I'm trying to speed up a function that looks in the neighborhood of each 3D point in a large dataset and finds all the points within 1 unit in each direction, x, y, z.
I've started by using Select to find the points around a specified point and then Map this function over the dataset.
First, lets make up some "data" and then define the findpoints function.

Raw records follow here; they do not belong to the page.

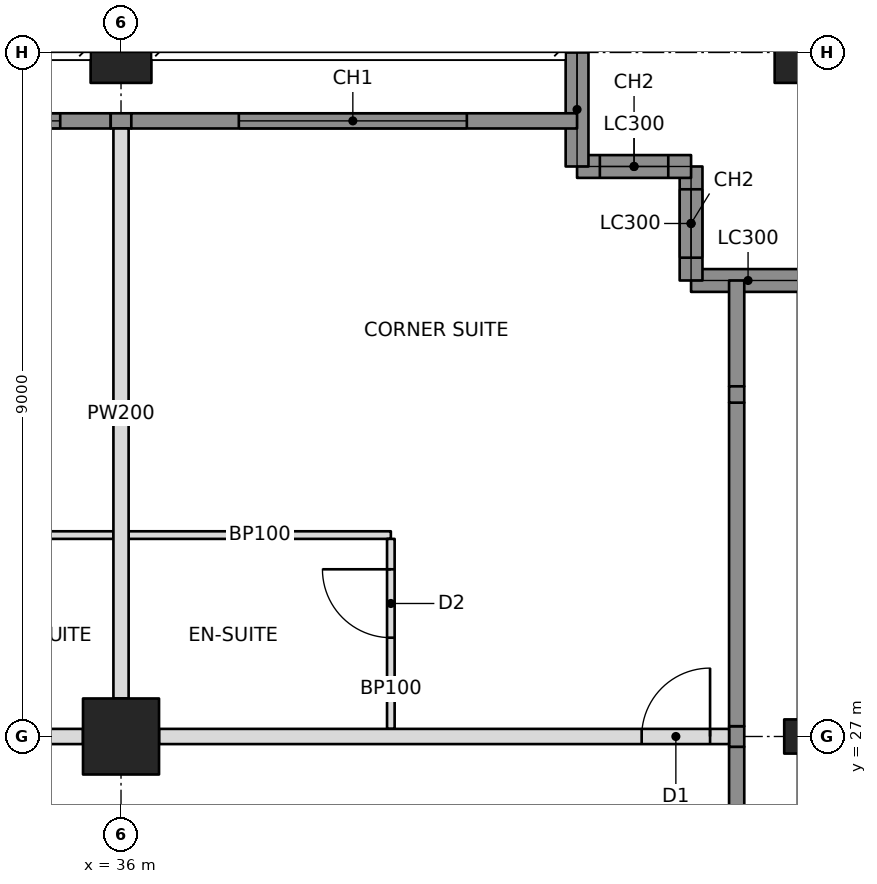
"""IFC4 building model, lengths in metres.
Left out: names, types, materials, properties, quantities, classifications, styles, units other than length and angle.
Written with IfcOpenShell. Run it as: python <this file> out.ifc"""

import sys

from ifc_helpers import new_model, si_unit, direction, frame, frame_2d, origin, origin_2d, place, context, subcontext, project, spatial, rectangle, hollow_rectangle, i_section, extrude, element, fill, save


model = new_model("IFC4")
c1 = context("Model", 3, precision=1e-05, world=origin(), true_north=direction((0.0, 1.0)))
c2 = subcontext(c1, "Body", "Model", "MODEL_VIEW")
j1 = project(units=[si_unit("LENGTHUNIT", "METRE"), si_unit("PLANEANGLEUNIT", "RADIAN")], contexts=[c1])
p1 = place(None, origin())
s1 = spatial("IfcSite", under=j1, at=p1, CompositionType="ELEMENT")
p2 = place(p1, origin())
s2 = spatial("IfcBuilding", under=s1, at=p2, CompositionType="ELEMENT")
p3 = place(p2, frame((0.0, 0.0, 97.6)))
s3 = spatial("IfcBuildingStorey", under=s2, at=p3, CompositionType="ELEMENT", Elevation=97.6)
p4 = place(p3, frame((36.0, 27.0, 0.0), z_axis=(0.0, 0.0, 1.0), x_axis=(1.0, 0.0, 0.0)))
e1 = element("IfcColumn", 1, at=p4, inside=s3, PredefinedType="COLUMN", context=c2, shape_type="SweptSolid", body=[
    extrude(hollow_rectangle(XDim=1.0, YDim=1.0, WallThickness=0.1, at=origin_2d()), origin(), (0.0, 0.0, 1.0), 3.4),
])
p5 = place(p3, frame((36.0, 36.0, 0.0), z_axis=(0.0, 0.0, 1.0), x_axis=(1.0, 0.0, 0.0)))
e2 = element("IfcColumn", 2, at=p5, inside=s3, PredefinedType="COLUMN", context=c2, shape_type="SweptSolid", body=[
    extrude(hollow_rectangle(XDim=0.8, YDim=0.8, WallThickness=0.07, at=origin_2d()), origin(), (0.0, 0.0, 1.0), 3.4),
])
p6 = place(p3, frame((45.0, 27.0, 0.0), z_axis=(0.0, 0.0, 1.0), x_axis=(0.0, 1.0, 0.0)))
e3 = element("IfcColumn", 3, at=p6, inside=s3, PredefinedType="COLUMN", context=c2, shape_type="SweptSolid", body=[
    extrude(i_section(OverallWidth=0.449, OverallDepth=0.549, WebThickness=0.072, FlangeThickness=0.115, at=origin_2d()), origin(), (0.0, 0.0, 1.0), 3.4),
])
p7 = place(p3, frame((45.0, 36.0, 0.0), z_axis=(0.0, 0.0, 1.0), x_axis=(1.0, 0.0, 0.0)))
e4 = element("IfcColumn", 4, at=p7, inside=s3, PredefinedType="COLUMN", context=c2, shape_type="SweptSolid", body=[
    extrude(hollow_rectangle(XDim=0.8, YDim=0.8, WallThickness=0.07, at=origin_2d()), origin(), (0.0, 0.0, 1.0), 3.4),
])
p8 = place(p3, frame((45.0, 33.0, 0.0), z_axis=(0.0, 0.0, 1.0), x_axis=(-1.0, 0.0, 0.0)))
e5 = element("IfcWall", 5, at=p8, inside=s3, PredefinedType="SOLIDWALL", context=c2, shape_type="SweptSolid", body=[
    extrude(rectangle(XDim=1.5, YDim=0.3, at=frame_2d((0.75, 0.0))), origin(), (0.0, 0.0, 1.0), 2.42),
])
p9 = place(p3, frame((43.5, 33.0, 0.0), z_axis=(0.0, 0.0, 1.0), x_axis=(0.0, 1.0, 0.0)))
e6 = element("IfcWall", 6, at=p9, inside=s3, PredefinedType="SOLIDWALL", context=c2, shape_type="SweptSolid", body=[
    extrude(rectangle(XDim=1.5, YDim=0.3, at=frame_2d((0.75, 0.0))), origin(), (0.0, 0.0, 1.0), 3.2),
])
p10 = place(p9, frame((0.3, 0.0, 0.6)))
e7 = element("IfcOpeningElement", 7, at=p10, cuts=e6, PredefinedType="OPENING", context=c2, shape_type="SweptSolid", body=[
    extrude(rectangle(XDim=0.9, YDim=2.2, at=frame_2d((0.45, 1.1))), frame((0.0, 0.16, 0.0), z_axis=(0.0, -1.0, 0.0), x_axis=(1.0, 0.0, 0.0)), (0.0, 0.0, 1.0), 0.32),
])
p11 = place(p3, frame((43.5, 34.5, 0.0), z_axis=(0.0, 0.0, 1.0), x_axis=(-1.0, 0.0, 0.0)))
e8 = element("IfcWall", 8, at=p11, inside=s3, PredefinedType="SOLIDWALL", context=c2, shape_type="SweptSolid", body=[
    extrude(rectangle(XDim=1.5, YDim=0.3, at=frame_2d((0.75, 0.0))), origin(), (0.0, 0.0, 1.0), 3.2),
])
p12 = place(p11, frame((0.3, 0.0, 0.6)))
e9 = element("IfcOpeningElement", 9, at=p12, cuts=e8, PredefinedType="OPENING", context=c2, shape_type="SweptSolid", body=[
    extrude(rectangle(XDim=0.9, YDim=2.2, at=frame_2d((0.45, 1.1))), frame((0.0, 0.16, 0.0), z_axis=(0.0, -1.0, 0.0), x_axis=(1.0, 0.0, 0.0)), (0.0, 0.0, 1.0), 0.32),
])
p13 = place(p3, frame((42.0, 34.5, 0.0), z_axis=(0.0, 0.0, 1.0), x_axis=(0.0, 1.0, 0.0)))
e10 = element("IfcWall", 10, at=p13, inside=s3, PredefinedType="SOLIDWALL", context=c2, shape_type="SweptSolid", body=[
    extrude(rectangle(XDim=1.5, YDim=0.3, at=frame_2d((0.75, 0.0))), origin(), (0.0, 0.0, 1.0), 2.42),
])
p14 = place(p3, frame((27.5, 27.0, 0.0), z_axis=(0.0, 0.0, 1.0), x_axis=(1.0, 0.0, 0.0)))
e11 = element("IfcWall", 11, at=p14, inside=s3, PredefinedType="PARTITIONING", context=c2, shape_type="SweptSolid", body=[
    extrude(rectangle(XDim=8.0, YDim=0.2, at=frame_2d((4.0, 0.0))), origin(), (0.0, 0.0, 1.0), 2.405),
])
p15 = place(p14, frame((4.25, 0.0, 0.0)))
e12 = element("IfcOpeningElement", 12, at=p15, cuts=e11, PredefinedType="OPENING", context=c2, shape_type="SweptSolid", body=[
    extrude(rectangle(XDim=0.9, YDim=2.1, at=frame_2d((0.45, 1.05))), frame((0.0, 0.11, 0.0), z_axis=(0.0, -1.0, 0.0), x_axis=(1.0, 0.0, 0.0)), (0.0, 0.0, 1.0), 0.22),
])
p16 = place(p3, frame((36.5, 27.0, 0.0), z_axis=(0.0, 0.0, 1.0), x_axis=(1.0, 0.0, 0.0)))
e13 = element("IfcWall", 13, at=p16, inside=s3, PredefinedType="PARTITIONING", context=c2, shape_type="SweptSolid", body=[
    extrude(rectangle(XDim=7.5, YDim=0.2, at=frame_2d((3.75, 0.0))), origin(), (0.0, 0.0, 1.0), 2.438),
])
p17 = place(p16, frame((6.35, 0.0, 0.0)))
e14 = element("IfcOpeningElement", 14, at=p17, cuts=e13, PredefinedType="OPENING", context=c2, shape_type="SweptSolid", body=[
    extrude(rectangle(XDim=0.9, YDim=2.1, at=frame_2d((0.45, 1.05))), frame((0.0, 0.11, 0.0), z_axis=(0.0, -1.0, 0.0), x_axis=(1.0, 0.0, 0.0)), (0.0, 0.0, 1.0), 0.22),
])
p18 = place(p3, frame((36.0, 27.5, 0.0), z_axis=(0.0, 0.0, 1.0), x_axis=(0.0, 1.0, 0.0)))
e15 = element("IfcWall", 15, at=p18, inside=s3, PredefinedType="PARTITIONING", context=c2, shape_type="SweptSolid", body=[
    extrude(rectangle(XDim=7.5, YDim=0.2, at=frame_2d((3.75, 0.0))), origin(), (0.0, 0.0, 1.0), 2.438),
])
p19 = place(p3, frame((32.95, 29.65, 0.0), z_axis=(0.0, 0.0, 1.0), x_axis=(1.0, 0.0, 0.0)))
e16 = element("IfcWall", 16, at=p19, inside=s3, PredefinedType="PARTITIONING", context=c2, shape_type="SweptSolid", body=[
    extrude(rectangle(XDim=2.95, YDim=0.1, at=frame_2d((1.475, 0.0))), origin(), (0.0, 0.0, 1.0), 2.438),
])
p20 = place(p3, frame((36.1, 29.65, 0.0), z_axis=(0.0, 0.0, 1.0), x_axis=(1.0, 0.0, 0.0)))
e17 = element("IfcWall", 17, at=p20, inside=s3, PredefinedType="PARTITIONING", context=c2, shape_type="SweptSolid", body=[
    extrude(rectangle(XDim=3.45, YDim=0.1, at=frame_2d((1.725, 0.0))), origin(), (0.0, 0.0, 1.0), 2.438),
])
p21 = place(p3, frame((39.55, 27.1, 0.0), z_axis=(0.0, 0.0, 1.0), x_axis=(0.0, 1.0, 0.0)))
e18 = element("IfcWall", 18, at=p21, inside=s3, PredefinedType="PARTITIONING", context=c2, shape_type="SweptSolid", body=[
    extrude(rectangle(XDim=2.5, YDim=0.1, at=frame_2d((1.25, 0.0))), origin(), (0.0, 0.0, 1.0), 2.438),
])
p22 = place(p21, frame((1.2, 0.0, 0.0)))
e19 = element("IfcOpeningElement", 19, at=p22, cuts=e18, PredefinedType="OPENING", context=c2, shape_type="SweptSolid", body=[
    extrude(rectangle(XDim=0.9, YDim=2.1, at=frame_2d((0.45, 1.05))), frame((0.0, 0.06, 0.0), z_axis=(0.0, -1.0, 0.0), x_axis=(1.0, 0.0, 0.0)), (0.0, 0.0, 1.0), 0.12),
])
p23 = place(p3, frame((27.194, 35.1, 0.0), z_axis=(0.0, 0.0, 1.0), x_axis=(1.0, 0.0, 0.0)))
e20 = element("IfcWall", 20, at=p23, inside=s3, PredefinedType="SOLIDWALL", context=c2, shape_type="SweptSolid", body=[
    extrude(rectangle(XDim=8.671, YDim=0.2, at=frame_2d((4.335, 0.0))), origin(), (0.0, 0.0, 1.0), 3.2),
])
p24 = place(p23, frame((0.606, 0.0, 0.6)))
e21 = element("IfcOpeningElement", 21, at=p24, cuts=e20, PredefinedType="OPENING", context=c2, shape_type="SweptSolid", body=[
    extrude(rectangle(XDim=3.0, YDim=2.2, at=frame_2d((1.5, 1.1))), frame((0.0, 0.11, 0.0), z_axis=(0.0, -1.0, 0.0), x_axis=(1.0, 0.0, 0.0)), (0.0, 0.0, 1.0), 0.22),
])
p25 = place(p23, frame((5.006, 0.0, 0.6)))
e22 = element("IfcOpeningElement", 22, at=p25, cuts=e20, PredefinedType="OPENING", context=c2, shape_type="SweptSolid", body=[
    extrude(rectangle(XDim=3.0, YDim=2.2, at=frame_2d((1.5, 1.1))), frame((0.0, 0.11, 0.0), z_axis=(0.0, -1.0, 0.0), x_axis=(1.0, 0.0, 0.0)), (0.0, 0.0, 1.0), 0.22),
])
p26 = place(p3, frame((35.865, 35.1, 0.0), z_axis=(0.0, 0.0, 1.0), x_axis=(1.0, 0.0, 0.0)))
e23 = element("IfcWall", 23, at=p26, inside=s3, PredefinedType="SOLIDWALL", context=c2, shape_type="SweptSolid", body=[
    extrude(rectangle(XDim=0.271, YDim=0.2, at=frame_2d((0.135, 0.0))), origin(), (0.0, 0.0, 1.0), 2.438),
])
p27 = place(p3, frame((36.135, 35.1, 0.0), z_axis=(0.0, 0.0, 1.0), x_axis=(1.0, 0.0, 0.0)))
e24 = element("IfcWall", 24, at=p27, inside=s3, PredefinedType="SOLIDWALL", context=c2, shape_type="SweptSolid", body=[
    extrude(rectangle(XDim=5.865, YDim=0.2, at=frame_2d((2.932, 0.0))), origin(), (0.0, 0.0, 1.0), 3.2),
])
p28 = place(p27, frame((1.415, 0.0, 0.6)))
e25 = element("IfcOpeningElement", 25, at=p28, cuts=e24, PredefinedType="OPENING", context=c2, shape_type="SweptSolid", body=[
    extrude(rectangle(XDim=3.0, YDim=2.2, at=frame_2d((1.5, 1.1))), frame((0.0, 0.11, 0.0), z_axis=(0.0, -1.0, 0.0), x_axis=(1.0, 0.0, 0.0)), (0.0, 0.0, 1.0), 0.22),
])
p29 = place(p3, frame((44.1, 18.194, 0.0), z_axis=(0.0, 0.0, 1.0), x_axis=(0.0, 1.0, 0.0)))
e26 = element("IfcWall", 26, at=p29, inside=s3, PredefinedType="SOLIDWALL", context=c2, shape_type="SweptSolid", body=[
    extrude(rectangle(XDim=8.671, YDim=0.2, at=frame_2d((4.335, 0.0))), origin(), (0.0, 0.0, 1.0), 3.2),
])
p30 = place(p29, frame((0.156, 0.0, 0.6)))
e27 = element("IfcOpeningElement", 27, at=p30, cuts=e26, PredefinedType="OPENING", context=c2, shape_type="SweptSolid", body=[
    extrude(rectangle(XDim=3.0, YDim=2.2, at=frame_2d((1.5, 1.1))), frame((0.0, 0.11, 0.0), z_axis=(0.0, -1.0, 0.0), x_axis=(1.0, 0.0, 0.0)), (0.0, 0.0, 1.0), 0.22),
])
p31 = place(p29, frame((3.656, 0.0, 0.6)))
e28 = element("IfcOpeningElement", 28, at=p31, cuts=e26, PredefinedType="OPENING", context=c2, shape_type="SweptSolid", body=[
    extrude(rectangle(XDim=3.0, YDim=2.2, at=frame_2d((1.5, 1.1))), frame((0.0, 0.11, 0.0), z_axis=(0.0, -1.0, 0.0), x_axis=(1.0, 0.0, 0.0)), (0.0, 0.0, 1.0), 0.22),
])
p32 = place(p3, frame((44.1, 26.865, 0.0), z_axis=(0.0, 0.0, 1.0), x_axis=(0.0, 1.0, 0.0)))
e29 = element("IfcWall", 29, at=p32, inside=s3, PredefinedType="SOLIDWALL", context=c2, shape_type="SweptSolid", body=[
    extrude(rectangle(XDim=0.271, YDim=0.2, at=frame_2d((0.135, 0.0))), origin(), (0.0, 0.0, 1.0), 2.438),
])
p33 = place(p3, frame((44.1, 27.135, 0.0), z_axis=(0.0, 0.0, 1.0), x_axis=(0.0, 1.0, 0.0)))
e30 = element("IfcWall", 30, at=p33, inside=s3, PredefinedType="SOLIDWALL", context=c2, shape_type="SweptSolid", body=[
    extrude(rectangle(XDim=4.257, YDim=0.2, at=frame_2d((2.129, 0.0))), origin(), (0.0, 0.0, 1.0), 3.2),
])
p34 = place(p3, frame((44.1, 31.393, 0.0), z_axis=(0.0, 0.0, 1.0), x_axis=(0.0, 1.0, 0.0)))
e31 = element("IfcWall", 31, at=p34, inside=s3, PredefinedType="SOLIDWALL", context=c2, shape_type="SweptSolid", body=[
    extrude(rectangle(XDim=0.215, YDim=0.2, at=frame_2d((0.107, 0.0))), origin(), (0.0, 0.0, 1.0), 2.661),
])
p35 = place(p3, frame((44.1, 31.607, 0.0), z_axis=(0.0, 0.0, 1.0), x_axis=(0.0, 1.0, 0.0)))
e32 = element("IfcWall", 32, at=p35, inside=s3, PredefinedType="SOLIDWALL", context=c2, shape_type="SweptSolid", body=[
    extrude(rectangle(XDim=1.393, YDim=0.2, at=frame_2d((0.696, 0.0))), origin(), (0.0, 0.0, 1.0), 3.2),
])
p36 = place(p10, origin())
e33 = element("IfcWindow", 33, at=p36, inside=s3, PartitioningType="SINGLE_PANEL", PredefinedType="WINDOW", context=c2, shape_type="SweptSolid", body=[
    extrude(rectangle(XDim=0.9, YDim=2.2, at=frame_2d((0.45, 1.1))), frame((0.0, 0.03, 0.0), z_axis=(0.0, -1.0, 0.0), x_axis=(1.0, 0.0, 0.0)), (0.0, 0.0, 1.0), 0.06),
])
fill(e7, e33)
p37 = place(p12, origin())
e34 = element("IfcWindow", 34, at=p37, inside=s3, PartitioningType="SINGLE_PANEL", PredefinedType="WINDOW", context=c2, shape_type="SweptSolid", body=[
    extrude(rectangle(XDim=0.9, YDim=2.2, at=frame_2d((0.45, 1.1))), frame((0.0, 0.03, 0.0), z_axis=(0.0, -1.0, 0.0), x_axis=(1.0, 0.0, 0.0)), (0.0, 0.0, 1.0), 0.06),
])
fill(e9, e34)
p38 = place(p25, origin())
e35 = element("IfcWindow", 35, at=p38, inside=s3, PartitioningType="TRIPLE_PANEL_VERTICAL", PredefinedType="WINDOW", context=c2, shape_type="SweptSolid", body=[
    extrude(rectangle(XDim=3.0, YDim=2.2, at=frame_2d((1.5, 1.1))), frame((0.0, 0.03, 0.0), z_axis=(0.0, -1.0, 0.0), x_axis=(1.0, 0.0, 0.0)), (0.0, 0.0, 1.0), 0.06),
])
fill(e22, e35)
p39 = place(p28, origin())
e36 = element("IfcWindow", 36, at=p39, inside=s3, PartitioningType="TRIPLE_PANEL_VERTICAL", PredefinedType="WINDOW", context=c2, shape_type="SweptSolid", body=[
    extrude(rectangle(XDim=3.0, YDim=2.2, at=frame_2d((1.5, 1.1))), frame((0.0, 0.03, 0.0), z_axis=(0.0, -1.0, 0.0), x_axis=(1.0, 0.0, 0.0)), (0.0, 0.0, 1.0), 0.06),
])
fill(e25, e36)
p40 = place(p22, origin())
e37 = element("IfcDoor", 37, at=p40, inside=s3, OperationType="SINGLE_SWING_RIGHT", PredefinedType="DOOR", context=c2, shape_type="SweptSolid", body=[
    extrude(rectangle(XDim=0.9, YDim=2.1, at=frame_2d((0.45, 1.05))), frame((0.0, 0.025, 0.0), z_axis=(0.0, -1.0, 0.0), x_axis=(1.0, 0.0, 0.0)), (0.0, 0.0, 1.0), 0.05),
])
fill(e19, e37)
p41 = place(p17, origin())
e38 = element("IfcDoor", 38, at=p41, inside=s3, OperationType="SINGLE_SWING_RIGHT", PredefinedType="DOOR", context=c2, shape_type="SweptSolid", body=[
    extrude(rectangle(XDim=0.9, YDim=2.1, at=frame_2d((0.45, 1.05))), frame((0.0, 0.025, 0.0), z_axis=(0.0, -1.0, 0.0), x_axis=(1.0, 0.0, 0.0)), (0.0, 0.0, 1.0), 0.05),
])
fill(e14, e38)
save(model, sys.argv[1])

data = RandomReal[10, {10^4, 3}];
findpoints[data_, pt_]:= Block[{x = pt[[1]], y = pt[[2]], z = pt[[3]]},
Select[data,
x - 1 <= #[[1]] <= x + 1 && y - 1 <= #[[2]] <= y + 1 &&
z - 1 <= #[[3]] <= z + 1 &]
]
Now lets map it over the random data.
Map[findpoints[data, #] &, data]; // AbsoluteTiming
This is quite slow, I gave up waiting, so I started by compiling the findpoint function.
findpointsC =
Compile[{{data, _Real, 2}, {pt, _Real, 1}},
Block[{x = pt[[1]], y = pt[[2]], z = pt[[3]]},
Select[data,
x - 1 <= #[[1]] <= x + 1 && y - 1 <= #[[2]] <= y + 1 &&
z - 1 <= #[[3]] <= z + 1 &]
], CompilationTarget -> "C", RuntimeAttributes -> {Listable},
Parallelization -> True, RuntimeOptions -> "Speed"];
output= Map[findpointsC[data, #] &, data]; // AbsoluteTiming
(*{3.7542147, Null}*)
Much faster, great.
Now I figured since compiling was so beneficial here and in other functions I found that by compiling the Map function I can gain some more speed, lets compile the whole thing.
mapfindpointsC =
Compile[{{data, _Real, 2}}, Map[findpointsC[data, #] &, data],
CompilationTarget -> "C", RuntimeAttributes -> {Listable},
Parallelization -> True, RuntimeOptions -> "Speed"];
mapfindpointsC[data]
(*CompiledFunction::cflist: Nontensor object generated; proceeding with uncompiled evaluation. >>*)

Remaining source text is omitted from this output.